A sectarian problem might be looming on the horizon with the alleged approval by the Roads and Bridges Authority of a new road in Fayoum, some 150km southwest of Cairo. The road, which should link the south of Fayoum with the oases in the Western Desert, has been designed to go through the monastery of St Macarius in Wadi al-Rayan, so that it effectively divides the monastery into two halves. The monks have accordingly sent SOS pleas to President Abdel-Fattah al-Sisi and Prime Minister Ibrahim Mahlab to intervene and preserve the unity of the monastery.
Alternative routes
Father Daoud, spokesman for the monastery, told Watani that the approval was issued last month and that work is scheduled to begin right after Eid al-Adha, the Muslim feast of the sacrifice which ends next Tuesday, 7 October. Fr Daoud insists that there are alternative routes which the road can follow; he actually confirms that the monastery has provided the relevant authorities with proposals of two alternative routes that are shorter and can be less costly.

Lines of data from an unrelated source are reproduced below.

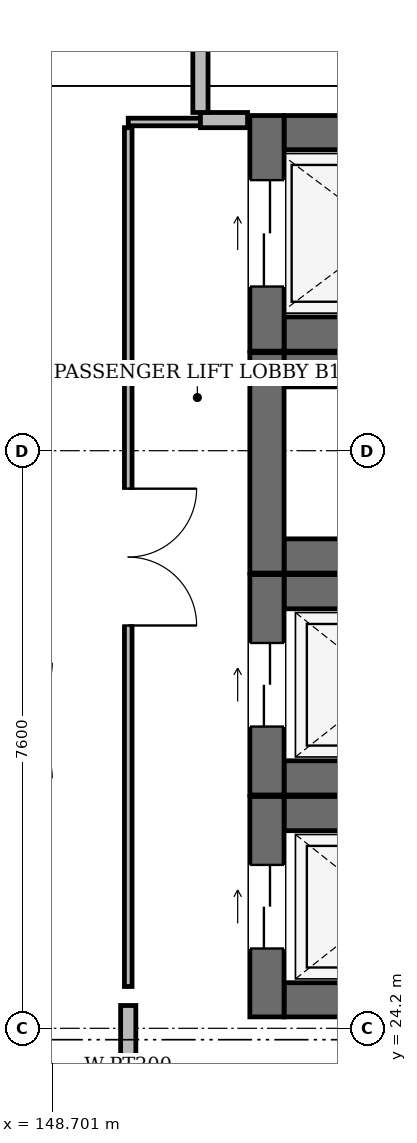
"""IFC4 building model, lengths in metres.
Left out: names, types, materials, properties, quantities, classifications, styles, units other than length and angle.
Written with IfcOpenShell. Run it as: python <this file> out.ifc"""

import sys

from ifc_helpers import new_model, si_unit, direction, frame, frame_2d, origin, place, context, subcontext, project, spatial, rectangle, extrude, element, fill, save


model = new_model("IFC4")
c1 = context("Model", 3, precision=1e-05, world=origin(), true_north=direction((0.0, 1.0)))
c2 = subcontext(c1, "Body", "Model", "MODEL_VIEW")
j1 = project(units=[si_unit("LENGTHUNIT", "METRE"), si_unit("PLANEANGLEUNIT", "RADIAN")], contexts=[c1])
p1 = place(None, origin())
s1 = spatial("IfcSite", under=j1, at=p1, CompositionType="ELEMENT")
p2 = place(p1, origin())
s2 = spatial("IfcBuilding", under=s1, at=p2, CompositionType="ELEMENT")
p3 = place(p2, frame((0.0, 0.0, -4.8)))
s3 = spatial("IfcBuildingStorey", under=s2, at=p3, CompositionType="ELEMENT", Elevation=-4.8)
for number, where, z_axis, x_axis in (
    (1, (151.75, 24.575, 0.0), (0.0, 0.0, 1.0), (1.0, 0.0, 0.0)),
    (2, (151.75, 27.025, 0.0), (0.0, 0.0, 1.0), (1.0, 0.0, 0.0)),
):
    element("IfcWall", number, at=place(p3, frame(where, z_axis=z_axis, x_axis=x_axis)), inside=s3, PredefinedType="SHEAR", context=c2, shape_type="SweptSolid", body=[
        extrude(rectangle(XDim=2.7, YDim=0.45, at=frame_2d((1.35, 0.0))), origin(), (0.0, 0.0, 1.0), 4.46),
    ])
p4 = place(p3, frame((151.525, 24.35, 0.0), z_axis=(0.0, 0.0, 1.0), x_axis=(0.0, 1.0, 0.0)))
e3 = element("IfcWall", 3, at=p4, inside=s3, PredefinedType="SHEAR", context=c2, shape_type="SweptSolid", body=[
    extrude(rectangle(XDim=2.9, YDim=0.45, at=frame_2d((1.45, 0.0))), origin(), (0.0, 0.0, 1.0), 4.46),
])
p5 = place(p4, frame((0.9, 0.0, 0.0)))
e4 = element("IfcOpeningElement", 4, at=p5, cuts=e3, PredefinedType="OPENING", context=c2, shape_type="SweptSolid", body=[
    extrude(rectangle(XDim=1.1, YDim=2.2, at=frame_2d((0.55, 1.1))), frame((0.0, 0.237, 0.0), z_axis=(0.0, -1.0, 0.0), x_axis=(1.0, 0.0, 0.0)), (0.0, 0.0, 1.0), 0.474),
])
for number, where, z_axis, x_axis in (
    (5, (151.75, 27.495, 0.0), (0.0, 0.0, 1.0), (1.0, 0.0, 0.0)),
    (6, (151.75, 29.945, 0.0), (0.0, 0.0, 1.0), (1.0, 0.0, 0.0)),
):
    element("IfcWall", number, at=place(p3, frame(where, z_axis=z_axis, x_axis=x_axis)), inside=s3, PredefinedType="SHEAR", context=c2, shape_type="SweptSolid", body=[
        extrude(rectangle(XDim=2.7, YDim=0.45, at=frame_2d((1.35, 0.0))), origin(), (0.0, 0.0, 1.0), 4.46),
    ])
p6 = place(p3, frame((151.525, 27.27, 0.0), z_axis=(0.0, 0.0, 1.0), x_axis=(0.0, 1.0, 0.0)))
e7 = element("IfcWall", 7, at=p6, inside=s3, PredefinedType="SHEAR", context=c2, shape_type="SweptSolid", body=[
    extrude(rectangle(XDim=2.9, YDim=0.45, at=frame_2d((1.45, 0.0))), origin(), (0.0, 0.0, 1.0), 4.46),
])
p7 = place(p6, frame((0.9, 0.0, 0.0)))
e8 = element("IfcOpeningElement", 8, at=p7, cuts=e7, PredefinedType="OPENING", context=c2, shape_type="SweptSolid", body=[
    extrude(rectangle(XDim=1.1, YDim=2.2, at=frame_2d((0.55, 1.1))), frame((0.0, 0.237, 0.0), z_axis=(0.0, -1.0, 0.0), x_axis=(1.0, 0.0, 0.0)), (0.0, 0.0, 1.0), 0.474),
])
for number, where, z_axis, x_axis in (
    (9, (151.75, 30.415, 0.0), (0.0, 0.0, 1.0), (1.0, 0.0, 0.0)),
    (10, (151.75, 32.865, 0.0), (0.0, 0.0, 1.0), (1.0, 0.0, 0.0)),
):
    element("IfcWall", number, at=place(p3, frame(where, z_axis=z_axis, x_axis=x_axis)), inside=s3, PredefinedType="SHEAR", context=c2, shape_type="SweptSolid", body=[
        extrude(rectangle(XDim=2.7, YDim=0.45, at=frame_2d((1.35, 0.0))), origin(), (0.0, 0.0, 1.0), 4.46),
    ])
p8 = place(p3, frame((151.525, 30.19, 0.0), z_axis=(0.0, 0.0, 1.0), x_axis=(0.0, 1.0, 0.0)))
e11 = element("IfcWall", 11, at=p8, inside=s3, PredefinedType="SHEAR", context=c2, shape_type="SweptSolid", body=[
    extrude(rectangle(XDim=2.9, YDim=0.45, at=frame_2d((1.45, 0.0))), origin(), (0.0, 0.0, 1.0), 4.46),
])
for number, where, z_axis, x_axis in (
    (12, (151.75, 33.335, 0.0), (0.0, 0.0, 1.0), (1.0, 0.0, 0.0)),
    (13, (151.75, 35.985, 0.0), (0.0, 0.0, 1.0), (1.0, 0.0, 0.0)),
):
    element("IfcWall", number, at=place(p3, frame(where, z_axis=z_axis, x_axis=x_axis)), inside=s3, PredefinedType="SHEAR", context=c2, shape_type="SweptSolid", body=[
        extrude(rectangle(XDim=2.7, YDim=0.45, at=frame_2d((1.35, 0.0))), origin(), (0.0, 0.0, 1.0), 4.46),
    ])
p9 = place(p3, frame((151.525, 33.11, 0.0), z_axis=(0.0, 0.0, 1.0), x_axis=(0.0, 1.0, 0.0)))
e14 = element("IfcWall", 14, at=p9, inside=s3, PredefinedType="SHEAR", context=c2, shape_type="SweptSolid", body=[
    extrude(rectangle(XDim=3.1, YDim=0.45, at=frame_2d((1.55, 0.0))), origin(), (0.0, 0.0, 1.0), 4.46),
])
p10 = place(p9, frame((0.85, 0.0, 0.0)))
e15 = element("IfcOpeningElement", 15, at=p10, cuts=e14, PredefinedType="OPENING", context=c2, shape_type="SweptSolid", body=[
    extrude(rectangle(XDim=1.4, YDim=2.3, at=frame_2d((0.7, 1.15))), frame((0.0, 0.237, 0.0), z_axis=(0.0, -1.0, 0.0), x_axis=(1.0, 0.0, 0.0)), (0.0, 0.0, 1.0), 0.474),
])
p11 = place(p3, frame((149.7, 24.75, 0.0), z_axis=(0.0, 0.0, 1.0), x_axis=(0.0, 1.0, 0.0)))
e16 = element("IfcWall", 16, at=p11, inside=s3, PredefinedType="PARTITIONING", context=c2, shape_type="SweptSolid", body=[
    extrude(rectangle(XDim=11.3, YDim=0.1, at=frame_2d((5.65, 0.0))), origin(), (0.0, 0.0, 1.0), 4.405),
])
p12 = place(p11, frame((4.75, 0.0, 0.0)))
e17 = element("IfcOpeningElement", 17, at=p12, cuts=e16, PredefinedType="OPENING", context=c2, shape_type="SweptSolid", body=[
    extrude(rectangle(XDim=1.8, YDim=2.4, at=frame_2d((0.9, 1.2))), frame((0.0, 0.062, 0.0), z_axis=(0.0, -1.0, 0.0), x_axis=(1.0, 0.0, 0.0)), (0.0, 0.0, 1.0), 0.124),
])
p13 = place(p3, frame((149.7, 36.125, 0.0), z_axis=(0.0, 0.0, 1.0), x_axis=(1.0, 0.0, 0.0)))
e18 = element("IfcWall", 18, at=p13, inside=s3, PredefinedType="PARTITIONING", context=c2, shape_type="SweptSolid", body=[
    extrude(rectangle(XDim=0.95, YDim=0.1, at=frame_2d((0.475, 0.0))), origin(), (0.0, 0.0, 1.0), 4.405),
])
p14 = place(p3, frame((150.65, 36.15, 0.0), z_axis=(0.0, 0.0, 1.0), x_axis=(1.0, 0.0, 0.0)))
e19 = element("IfcWall", 19, at=p14, inside=s3, PredefinedType="PARTITIONING", context=c2, shape_type="SweptSolid", body=[
    extrude(rectangle(XDim=0.62, YDim=0.2, at=frame_2d((0.31, 0.0))), origin(), (0.0, 0.0, 1.0), 4.405),
])
p15 = place(p3, frame((149.7, 24.5, 0.0), z_axis=(0.0, 0.0, 1.0), x_axis=(0.0, -1.0, 0.0)))
e20 = element("IfcWall", 20, at=p15, inside=s3, PredefinedType="PARTITIONING", context=c2, shape_type="SweptSolid", body=[
    extrude(rectangle(XDim=0.8, YDim=0.2, at=frame_2d((0.4, 0.0))), origin(), (0.0, 0.0, 1.0), 4.405),
])
p16 = place(p3, frame((150.65, 66.5, 0.0), z_axis=(0.0, 0.0, 1.0), x_axis=(0.0, -1.0, 0.0)))
e21 = element("IfcWall", 21, at=p16, inside=s3, PredefinedType="PARTITIONING", context=c2, shape_type="SweptSolid", body=[
    extrude(rectangle(XDim=30.25, YDim=0.2, at=frame_2d((15.125, 0.0))), origin(), (0.0, 0.0, 1.0), 4.405),
])
p17 = place(p16, frame((14.375, 0.0, 0.0)))
e22 = element("IfcOpeningElement", 22, at=p17, cuts=e21, PredefinedType="OPENING", context=c2, shape_type="SweptSolid", body=[
    extrude(rectangle(XDim=1.5, YDim=2.2, at=frame_2d((0.75, 1.1))), frame((0.0, 0.112, 0.0), z_axis=(0.0, -1.0, 0.0), x_axis=(1.0, 0.0, 0.0)), (0.0, 0.0, 1.0), 0.224),
])
p18 = place(p5, origin())
e23 = element("IfcDoor", 23, at=p18, inside=s3, OperationType="DOUBLE_DOOR_SLIDING", PredefinedType="DOOR", context=c2, shape_type="SweptSolid", body=[
    extrude(rectangle(XDim=1.1, YDim=2.2, at=frame_2d((0.55, 1.1))), frame((0.0, 0.025, 0.0), z_axis=(0.0, -1.0, 0.0), x_axis=(1.0, 0.0, 0.0)), (0.0, 0.0, 1.0), 0.05),
])
fill(e4, e23)
p19 = place(p7, origin())
e24 = element("IfcDoor", 24, at=p19, inside=s3, OperationType="DOUBLE_DOOR_SLIDING", PredefinedType="DOOR", context=c2, shape_type="SweptSolid", body=[
    extrude(rectangle(XDim=1.1, YDim=2.2, at=frame_2d((0.55, 1.1))), frame((0.0, 0.025, 0.0), z_axis=(0.0, -1.0, 0.0), x_axis=(1.0, 0.0, 0.0)), (0.0, 0.0, 1.0), 0.05),
])
fill(e8, e24)
p20 = place(p10, origin())
e25 = element("IfcDoor", 25, at=p20, inside=s3, OperationType="DOUBLE_DOOR_SLIDING", PredefinedType="DOOR", context=c2, shape_type="SweptSolid", body=[
    extrude(rectangle(XDim=1.4, YDim=2.3, at=frame_2d((0.7, 1.15))), frame((0.0, 0.025, 0.0), z_axis=(0.0, -1.0, 0.0), x_axis=(1.0, 0.0, 0.0)), (0.0, 0.0, 1.0), 0.05),
])
fill(e15, e25)
p21 = place(p12, frame((1.8, 0.0, 0.0), z_axis=(0.0, 0.0, 1.0), x_axis=(-1.0, 0.0, 0.0)))
e26 = element("IfcDoor", 26, at=p21, inside=s3, OperationType="DOUBLE_DOOR_SINGLE_SWING", PredefinedType="DOOR", context=c2, shape_type="SweptSolid", body=[
    extrude(rectangle(XDim=1.8, YDim=2.4, at=frame_2d((0.9, 1.2))), frame((0.0, 0.025, 0.0), z_axis=(0.0, -1.0, 0.0), x_axis=(1.0, 0.0, 0.0)), (0.0, 0.0, 1.0), 0.05),
])
fill(e17, e26)
save(model, sys.argv[1])

Furthermore, he says, the projected road passes through the national park of Wadi al-Rayan which includes within its boundary the UNESCO World Heritage Site Wadi al-Hitan (Valley of the Whales). The Wadi Hitan is famous the hundreds of fossils of the earliest forms of whales. How could the Ministry of the Environment, which is in charge of national parks, have approved the new road? Fr Daoud asks.
Third century caves
The St Macarius monastery in Wadi al-Rayan is the site of mountain caves that were used by Christian hermits as far back as the third century. The cave walls still carry Christian inscriptions from those times. In modern times, monks started re-inhabiting these caves in 1960 and until 1969 when they were ordered by Pope Kyrillos VI to leave and go restore and develop St Macarius Monastery in the Western Desert. In 1998, another group of monks headed by Fr Eleisha went to Wadi Rayan for a monastic revival there. Even though their relationship with the mother Coptic Orthodox Church has been bumpy, their population grew; they built a church, and cultivated a plot of land near the caves. Conflict erupted between the monks and the Environment Ministry which, in 2011, accused the monks of encroaching on the national park of Wadi al-Rayan because they built a wall to protect them from the all-too-frequent attacks by local Bedouin during the security breakup that followed the Arab Spring uprising in January 2011. The conflict was resolved in 2013 by the government sanctioning the building of the wall and the monks signing a document acknowledging that the grounds were government property.
Where does the Environment Ministry stand?
No one from the Environment Ministry or Roads Authority was available for comment owing to the official holiday in honour of Eid al-Adha. It is far-fetched that the Environment Ministry could have approved the building of the road, since the law explicitly bans building on national park lands. Watani will, however, follow up on the matter as soon as the public holiday is over next Tuesday.